Polynomial division is like long division with numbers, but it works with polynomials instead. The goal is to divide one polynomial, called the dividend, by another polynomial, the divisor, to obtain a quotient and a remainder. This process can simplify complex expressions and solve polynomial equations more easily.

Here's how it works:

• Set up the division with the dividend and the divisor.
• Divide the leading term of the dividend by the leading term of the divisor.
• Multiply the result by the divisor and subtract from the dividend.
• Repeat the process with the new polynomial until the degree of the remainder is less than the divisor.

In the original exercise, the dividend is a third-degree polynomial, and the divisor is a second-degree polynomial. By performing polynomial division, we simplified the expression into a quotient and a remainder.
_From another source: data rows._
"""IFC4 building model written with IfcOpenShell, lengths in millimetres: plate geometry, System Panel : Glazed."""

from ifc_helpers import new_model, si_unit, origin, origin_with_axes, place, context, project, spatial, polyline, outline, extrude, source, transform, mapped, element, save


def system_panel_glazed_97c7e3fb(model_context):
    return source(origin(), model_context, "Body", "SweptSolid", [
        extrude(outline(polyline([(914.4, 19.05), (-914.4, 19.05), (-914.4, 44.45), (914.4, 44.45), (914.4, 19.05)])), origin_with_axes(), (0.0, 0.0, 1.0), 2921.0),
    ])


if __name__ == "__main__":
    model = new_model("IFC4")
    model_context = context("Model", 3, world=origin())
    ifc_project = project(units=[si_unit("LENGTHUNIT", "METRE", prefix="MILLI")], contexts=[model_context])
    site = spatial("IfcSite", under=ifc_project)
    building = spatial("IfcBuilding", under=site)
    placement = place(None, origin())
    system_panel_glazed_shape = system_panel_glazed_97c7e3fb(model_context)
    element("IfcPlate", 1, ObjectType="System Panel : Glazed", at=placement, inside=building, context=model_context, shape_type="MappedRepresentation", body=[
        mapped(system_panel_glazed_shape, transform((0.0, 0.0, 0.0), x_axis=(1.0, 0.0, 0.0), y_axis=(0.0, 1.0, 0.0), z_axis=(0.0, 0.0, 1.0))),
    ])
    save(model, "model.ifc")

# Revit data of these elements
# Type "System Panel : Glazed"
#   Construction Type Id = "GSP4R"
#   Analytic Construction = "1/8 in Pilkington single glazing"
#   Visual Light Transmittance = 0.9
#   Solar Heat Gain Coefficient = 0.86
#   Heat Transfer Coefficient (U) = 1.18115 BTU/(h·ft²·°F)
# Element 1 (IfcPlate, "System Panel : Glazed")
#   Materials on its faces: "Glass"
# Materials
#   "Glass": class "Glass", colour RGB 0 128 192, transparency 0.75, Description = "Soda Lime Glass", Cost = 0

Rational functions are expressions that can be written as the quotient of two polynomials. These functions can often be broken down into simpler components using polynomial division. Understanding this concept ensures you can handle various mathematical problems involving fractions of polynomials.

For instance, the function \( f(x) = \frac{x^3 - 3x^2 - 15}{x^2 + x + 3} \) is a rational function. The process of dividing these polynomials helps in rewriting the function as a sum of a polynomial and a proper rational function. This method deconstructs the complex function into a simpler form, making it easier to analyze or integrate if needed.

During such division, the resulting expression typically takes the form \( Q(x) + \frac{R(x)}{D(x)} \), where \( Q(x) \) is the quotient and \( R(x)/D(x) \) is the simpler rational part.

The quotient and remainder are crucial aspects of dividing polynomials. When you divide a polynomial by another, you're essentially trying to see how many times the divisor fits into the dividend. The quotient tells you this multiplicative factor, while the remainder indicates what is left after this division process.

In our context, after performing the long division, the quotient is given as \( x - 4 \) and the remainder is \( x - 3 \).

• Quotient \( Q(x) \): The main result after performing the division.
• Remainder \( R(x) \): The leftover part after the division process, smaller than the degree of the divisor.

These elements allow us to write \( f(x) \) as \( x - 4 + \frac{x - 3}{x^2 + x + 3} \). Understanding how to interpret and use the quotient and remainder is vital in simplifying rational functions and solving polynomial equations.